Leslie hung up the cellphone.

“Maybe I need to check this out,” she said.

Leslie stood and tapped her left arm. The Elijah bracelet took form. She closed her eyes and whispered the transformation prayer. Bolts of purple and green lightning swirled around her. Her clothes slowly faded away and were replaced by the Elisha Lightning uniform.

“Now, that’s better,” she said.

Elisha Lightning opened the bedroom window and climbed out onto the small, gable roof. She carefully closed the window and crawled across the tiles to the edge. She peered over the gutters. It was a twelve foot or more drop to the ground.

“This is embarrassing,” she said. “I wonder…”

Elisha Lightning stood and ran off the roof in a burst of purple and green speed. She was moving so quickly, for a moment, it appeared as if she was walking on the air. Gradually, her body descended until she was running across the desert surface.

“That’s so cool!” she yelled out as she zipped past sleeping lizards and desert foliage in a blur. “I was literally walking on air!”

Dakota’s crash site had already been investigated and abandoned by the authorities. All that remained was the burned out wreckage and debris of his sports car and the yellow police tape that had hastily been spread out across four cactuses. A rattlesnake had already taken up residence in the burned out body under the hood where the engine once rested.

Elisha Lightning walked around the scene.

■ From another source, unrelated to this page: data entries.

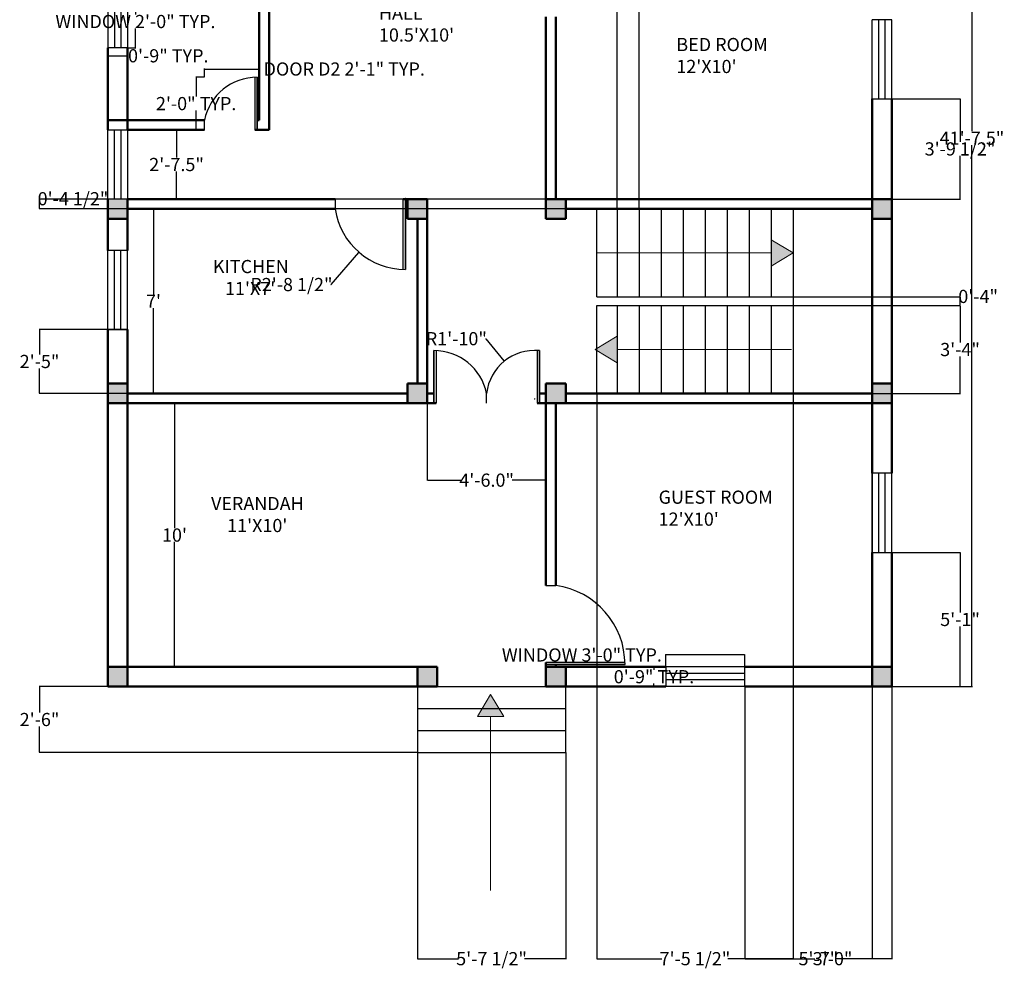
# Model space of a CAD drawing. Units: inches. Extents: x 1935 to 2390, y 6777 to 7449.
# Tile 1 of 2: x 1942 to 2390, y 6777 to 7213. Entities that reach past the tile are written whole.
import ezdxf

# ---------------------------------------------------------------- set-up
doc = ezdxf.new("R2010")
doc.units = ezdxf.units.IN
doc.header["$MEASUREMENT"] = 0
for name, color, linetype, lineweight in [('A-ANNO-DIMS', 7, 'Continuous', 18), ('A-ANNO-SYMB', 12, 'Continuous', 18), ('A-AREA-IDEN', 7, 'Continuous', 25), ('A-COLS', 42, 'Continuous', 50), ('A-COLS-PATT', 7, 'Continuous', 13), ('A-DOOR', 50, 'Continuous', 25), ('A-FLOR-STRS', 200, 'Continuous', 25), ('A-GLAZ', 140, 'Continuous', 25), ('A-WALL', 42, 'Continuous', 50)]:
    doc.layers.add(name, color=color, linetype=linetype, lineweight=lineweight)
doc.styles.get("Standard").update_dxf_attribs({"font": 'arial.ttf'})
doc.dimstyles.get("Standard").update_dxf_attribs({"dimtxt": 6, "dimasz": 0.18, "dimexe": 0.18, "dimexo": 0.0625, "dimgap": 0.09, "dimtad": 0, "dimtih": 1, "dimtoh": 1, "dimdec": 1, "dimzin": 0, "dimdsep": 46, "dimlunit": 3, "dimtxsty": 'Standard', "dimcen": 0.09, "dimclrd": 200, "dimclre": 200, "dimclrt": 200, "dimadec": 0, "dimazin": 0, "dimtfac": 1, "dimtdec": 1, "dimtofl": 0, "dimtmove": 0, "dimatfit": 3, "dimfxl": 1, "dimtolj": 1, "dimtzin": 0, "dimarcsym": 0})

# ---------------------------------------------------------------- blocks, each defined once
blk = doc.blocks.new('*D3')
at = {"layer": 'A-ANNO-DIMS', "color": 0, "lineweight": -2, "transparency": 16777216}
for p, q in [((1990.93, 7163.21), (2013.38, 7163.21)), ((2013.2, 7163.03), (2013.2, 7150.62)), ((2013.2, 7131.89), (2013.2, 7144.31)), ((1990.93, 7131.71), (2013.38, 7131.71))]:
    blk.add_line(p, q, dxfattribs=at)
at = {"layer": 'A-ANNO-DIMS', "color": 0, "transparency": 16777216}
for points in [[(2013.17, 7163.03), (2013.23, 7163.03), (2013.2, 7163.21)], [(2013.17, 7131.89), (2013.23, 7131.89), (2013.2, 7131.71)]]:
    blk.add_solid(points, dxfattribs=at)
at = {"layer": 'Defpoints', "color": 0, "transparency": 16777216}
for p in [(1990.87, 7163.21), (2013.2, 7163.21), (1990.87, 7131.71)]:
    blk.add_point(p, dxfattribs=at)
at = {"layer": 'A-ANNO-DIMS', "color": 0, "transparency": 16777216, "insert": (2013.2, 7147.46), "char_height": 6, "attachment_point": 5}
blk.add_mtext('\\A1;2\'-7.5"', dxfattribs=at)
blk = doc.blocks.new('*D4')
at = {"layer": 'A-ANNO-DIMS', "color": 0, "lineweight": -2, "transparency": 16777216}
for p, q in [((1990.93, 7127.21), (2002.86, 7127.21)), ((2002.68, 7127.03), (2002.68, 7088.3)), ((2002.68, 7043.39), (2002.68, 7082.12)), ((1990.93, 7043.21), (2002.86, 7043.21))]:
    blk.add_line(p, q, dxfattribs=at)
at = {"layer": 'A-ANNO-DIMS', "color": 0, "transparency": 16777216}
for points in [[(2002.65, 7127.03), (2002.71, 7127.03), (2002.68, 7127.21)], [(2002.65, 7043.39), (2002.71, 7043.39), (2002.68, 7043.21)]]:
    blk.add_solid(points, dxfattribs=at)
at = {"layer": 'Defpoints', "color": 0, "transparency": 16777216}
for p in [(1990.87, 7127.21), (1990.87, 7043.21), (2002.68, 7043.21)]:
    blk.add_point(p, dxfattribs=at)
at = {"layer": 'A-ANNO-DIMS', "color": 0, "transparency": 16777216, "insert": (2002.68, 7085.21), "char_height": 6, "attachment_point": 5}
blk.add_mtext("\\A1;7'", dxfattribs=at)
blk = doc.blocks.new('*D5')
at = {"layer": 'A-ANNO-DIMS', "color": 0, "lineweight": -2, "transparency": 16777216}
for p, q in [((1990.93, 7038.71), (2012.43, 7038.71)), ((2012.25, 7038.53), (2012.25, 6981.87)), ((2012.25, 6918.89), (2012.25, 6975.56)), ((1990.93, 6918.71), (2012.43, 6918.71))]:
    blk.add_line(p, q, dxfattribs=at)
at = {"layer": 'A-ANNO-DIMS', "color": 0, "transparency": 16777216}
for points in [[(2012.22, 7038.53), (2012.28, 7038.53), (2012.25, 7038.71)], [(2012.22, 6918.89), (2012.28, 6918.89), (2012.25, 6918.71)]]:
    blk.add_solid(points, dxfattribs=at)
at = {"layer": 'Defpoints', "color": 0, "transparency": 16777216}
for p in [(1990.87, 7038.71), (1990.87, 6918.71), (2012.25, 6918.71)]:
    blk.add_point(p, dxfattribs=at)
at = {"layer": 'A-ANNO-DIMS', "color": 0, "transparency": 16777216, "insert": (2012.25, 6978.71), "char_height": 6, "attachment_point": 5}
blk.add_mtext("\\A1;10'", dxfattribs=at)
blk = doc.blocks.new('*D6')
at = {"layer": 'A-ANNO-DIMS', "color": 0, "lineweight": -2, "transparency": 16777216}
for p, q in [((2127.37, 7038.65), (2127.37, 7003.54)), ((2181.37, 7038.65), (2181.37, 7003.54)), ((2127.55, 7003.72), (2142.68, 7003.72)), ((2181.19, 7003.72), (2166.05, 7003.72))]:
    blk.add_line(p, q, dxfattribs=at)
at = {"layer": 'A-ANNO-DIMS', "color": 0, "transparency": 16777216}
for points in [[(2127.55, 7003.75), (2127.55, 7003.69), (2127.37, 7003.72)], [(2181.19, 7003.75), (2181.19, 7003.69), (2181.37, 7003.72)]]:
    blk.add_solid(points, dxfattribs=at)
at = {"layer": 'Defpoints', "color": 0, "transparency": 16777216}
for p in [(2127.37, 7038.71), (2181.37, 7038.71), (2181.37, 7003.72)]:
    blk.add_point(p, dxfattribs=at)
at = {"layer": 'A-ANNO-DIMS', "color": 0, "transparency": 16777216, "insert": (2154.37, 7003.72), "char_height": 6, "attachment_point": 5}
blk.add_mtext('\\A1;4\'-6.0"', dxfattribs=at)
blk = doc.blocks.new('*D9')
at = {"layer": 'A-ANNO-DIMS', "color": 0, "lineweight": -2, "transparency": 16777216}
for p, q in [((2338.93, 7409.21), (2375.52, 7409.21)), ((2375.34, 7409.03), (2375.34, 7162.62)), ((2375.34, 6909.89), (2375.34, 7156.31)), ((2338.93, 6909.71), (2375.52, 6909.71))]:
    blk.add_line(p, q, dxfattribs=at)
at = {"layer": 'A-ANNO-DIMS', "color": 0, "transparency": 16777216}
for points in [[(2375.31, 7409.03), (2375.37, 7409.03), (2375.34, 7409.21)], [(2375.31, 6909.89), (2375.37, 6909.89), (2375.34, 6909.71)]]:
    blk.add_solid(points, dxfattribs=at)
at = {"layer": 'Defpoints', "color": 0, "transparency": 16777216}
for p in [(2338.87, 7409.21), (2338.87, 6909.71), (2375.34, 6909.71)]:
    blk.add_point(p, dxfattribs=at)
at = {"layer": 'A-ANNO-DIMS', "color": 0, "transparency": 16777216, "insert": (2375.34, 7159.46), "char_height": 6, "attachment_point": 5}
blk.add_mtext('\\A1;41\'-7.5"', dxfattribs=at)
blk = doc.blocks.new('WIN-36IN')
for p, q in [((0, 9), (0, 0)), ((0, 9), (36, 9)), ((36, 0), (36, 9)), ((0, 6), (36, 6)), ((0, 3), (36, 3)), ((0, 0), (36, 0))]:
    blk.add_line(p, q)
blk = doc.blocks.new('WIN-24IN')
for p, q in [((0, 24), (9, 24)), ((0, 24), (0, 0)), ((3, 24), (3, 0)), ((6, 24), (6, 0)), ((9, 24), (9, 0)), ((9, 0), (0, 0))]:
    blk.add_line(p, q)
blk = doc.blocks.new('DOOR-SINGLE-36IN')
for p, q in [((0, 37), (4.5, 37)), ((0, 1), (0, 2)), ((36, 2), (0, 2)), ((0, 0), (0, 1)), ((0, 1), (36, 1)), ((36, 1), (0, 1))]:
    blk.add_line(p, q)
blk.add_arc((-0.32, 1), 36.32, 0, 82.3719)
blk = doc.blocks.new('DOOR-SINGLE-24IN')
for p, q in [((23, 24), (23, 0)), ((24, 0), (24, 24)), ((24, 24), (24, 0)), ((0, 0), (0, 4.5)), ((24, 0), (23, 0)), ((25, 0), (24, 0))]:
    blk.add_line(p, q)
blk.add_arc((24, -0.52), 24.52, 90, 168.1877)
blk = doc.blocks.new('STAIR-DIRECTION')
h = blk.add_hatch(color=256)
h.dxf.hatch_style = 1
h.paths.add_polyline_path([(79.31, 12), (79.31, 0), (89.31, 6)])
for p, q in [((79.31, 12), (79.31, 0)), ((89.31, 6), (79.31, 12)), ((0, 6), (79.31, 6)), ((79.31, 0), (89.31, 6))]:
    blk.add_line(p, q)
blk = doc.blocks.new('*D16')
at = {"layer": 'A-ANNO-DIMS', "color": 200, "lineweight": -2, "transparency": 16777216}
for p, q in [((2235.96, 6924.11), (2235.78, 6924.11)), ((2235.96, 6918.78), (2235.96, 6924.29)), ((2271.78, 6924.11), (2236.14, 6924.11)), ((2271.96, 6918.78), (2271.96, 6924.29))]:
    blk.add_line(p, q, dxfattribs=at)
at = {"layer": 'A-ANNO-DIMS', "color": 200, "transparency": 16777216}
for points in [[(2236.14, 6924.14), (2236.14, 6924.08), (2235.96, 6924.11)], [(2271.78, 6924.14), (2271.78, 6924.08), (2271.96, 6924.11)]]:
    blk.add_solid(points, dxfattribs=at)
at = {"layer": 'Defpoints', "color": 0, "transparency": 16777216}
for p in [(2235.96, 6924.11), (2235.96, 6918.71), (2271.96, 6918.71)]:
    blk.add_point(p, dxfattribs=at)
at = {"layer": 'A-ANNO-DIMS', "color": 200, "transparency": 16777216, "insert": (2197.73, 6924.11), "char_height": 6, "attachment_point": 5}
blk.add_mtext('\\A1;WINDOW 3\'-0" TYP.', dxfattribs=at)
blk = doc.blocks.new('*D17')
at = {"layer": 'A-ANNO-DIMS', "color": 200, "lineweight": -2, "transparency": 16777216}
for p, q in [((2235.9, 6918.71), (2230.38, 6918.71)), ((2230.56, 6918.53), (2230.56, 6917.37)), ((2235.9, 6909.71), (2230.38, 6909.71)), ((2230.56, 6909.89), (2230.56, 6911.06))]:
    blk.add_line(p, q, dxfattribs=at)
at = {"layer": 'A-ANNO-DIMS', "color": 200, "transparency": 16777216}
for points in [[(2230.53, 6918.53), (2230.59, 6918.53), (2230.56, 6918.71)], [(2230.53, 6909.89), (2230.59, 6909.89), (2230.56, 6909.71)]]:
    blk.add_solid(points, dxfattribs=at)
at = {"layer": 'Defpoints', "color": 0, "transparency": 16777216}
for p in [(2235.96, 6918.71), (2230.56, 6909.71), (2235.96, 6909.71)]:
    blk.add_point(p, dxfattribs=at)
at = {"layer": 'A-ANNO-DIMS', "color": 200, "transparency": 16777216, "insert": (2230.56, 6914.21), "char_height": 6, "attachment_point": 5}
blk.add_mtext('\\A1;0\'-9" TYP.', dxfattribs=at)
blk = doc.blocks.new('*D18')
at = {"layer": 'A-ANNO-DIMS', "color": 200, "lineweight": -2, "transparency": 16777216}
for p, q in [((1990.93, 7224.58), (1994.65, 7224.58)), ((1994.47, 7224.4), (1994.47, 7215.77)), ((1994.47, 7200.76), (1994.47, 7209.39)), ((1990.93, 7200.58), (1994.65, 7200.58))]:
    blk.add_line(p, q, dxfattribs=at)
at = {"layer": 'A-ANNO-DIMS', "color": 200, "transparency": 16777216}
for points in [[(1994.44, 7224.4), (1994.5, 7224.4), (1994.47, 7224.58)], [(1994.44, 7200.76), (1994.5, 7200.76), (1994.47, 7200.58)]]:
    blk.add_solid(points, dxfattribs=at)
at = {"layer": 'Defpoints', "color": 0, "transparency": 16777216}
for p in [(1990.87, 7224.58), (1994.47, 7224.58), (1990.87, 7200.58)]:
    blk.add_point(p, dxfattribs=at)
at = {"layer": 'A-ANNO-DIMS', "color": 200, "transparency": 16777216, "insert": (1994.47, 7212.58), "char_height": 6, "attachment_point": 5}
blk.add_mtext('\\A1;WINDOW 2\'-0" TYP.', dxfattribs=at)
blk = doc.blocks.new('*D19')
at = {"layer": 'A-ANNO-DIMS', "color": 200, "lineweight": -2, "transparency": 16777216}
for p, q in [((1981.87, 7200.52), (1981.87, 7196.8)), ((1990.87, 7200.52), (1990.87, 7196.8)), ((1982.05, 7196.98), (1990.69, 7196.98)), ((1990.87, 7196.98), (1991.05, 7196.98))]:
    blk.add_line(p, q, dxfattribs=at)
at = {"layer": 'A-ANNO-DIMS', "color": 200, "transparency": 16777216}
for points in [[(1982.05, 7197.01), (1982.05, 7196.95), (1981.87, 7196.98)], [(1990.69, 7197.01), (1990.69, 7196.95), (1990.87, 7196.98)]]:
    blk.add_solid(points, dxfattribs=at)
at = {"layer": 'Defpoints', "color": 0, "transparency": 16777216}
for p in [(1981.87, 7200.58), (1990.87, 7200.58), (1990.87, 7196.98)]:
    blk.add_point(p, dxfattribs=at)
at = {"layer": 'A-ANNO-DIMS', "color": 200, "transparency": 16777216, "insert": (2009.42, 7196.98), "char_height": 6, "attachment_point": 5}
blk.add_mtext('\\A1;0\'-9" TYP.', dxfattribs=at)
blk = doc.blocks.new('*D22')
at = {"layer": 'A-ANNO-DIMS', "color": 200, "lineweight": -2, "transparency": 16777216}
for p, q in [((2025.87, 7187.28), (2025.87, 7191.14)), ((2026.05, 7190.96), (2050.69, 7190.96)), ((2050.87, 7187.28), (2050.87, 7191.14)), ((2050.87, 7190.96), (2051.05, 7190.96))]:
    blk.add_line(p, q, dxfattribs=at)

She stopped every few minutes to examine a

piece of wreckage. A piece of charred plastic caught her eye. She reached down and picked it up. It was Dakota Nelson’s driver’s license.

“There was the explosion,” she said. “But, I know I saw two figures in the fire. Then, there was only the one.”

Elisha Lightning glanced down at the driver’s license again.

“Who are you, Solstice?” she wondered.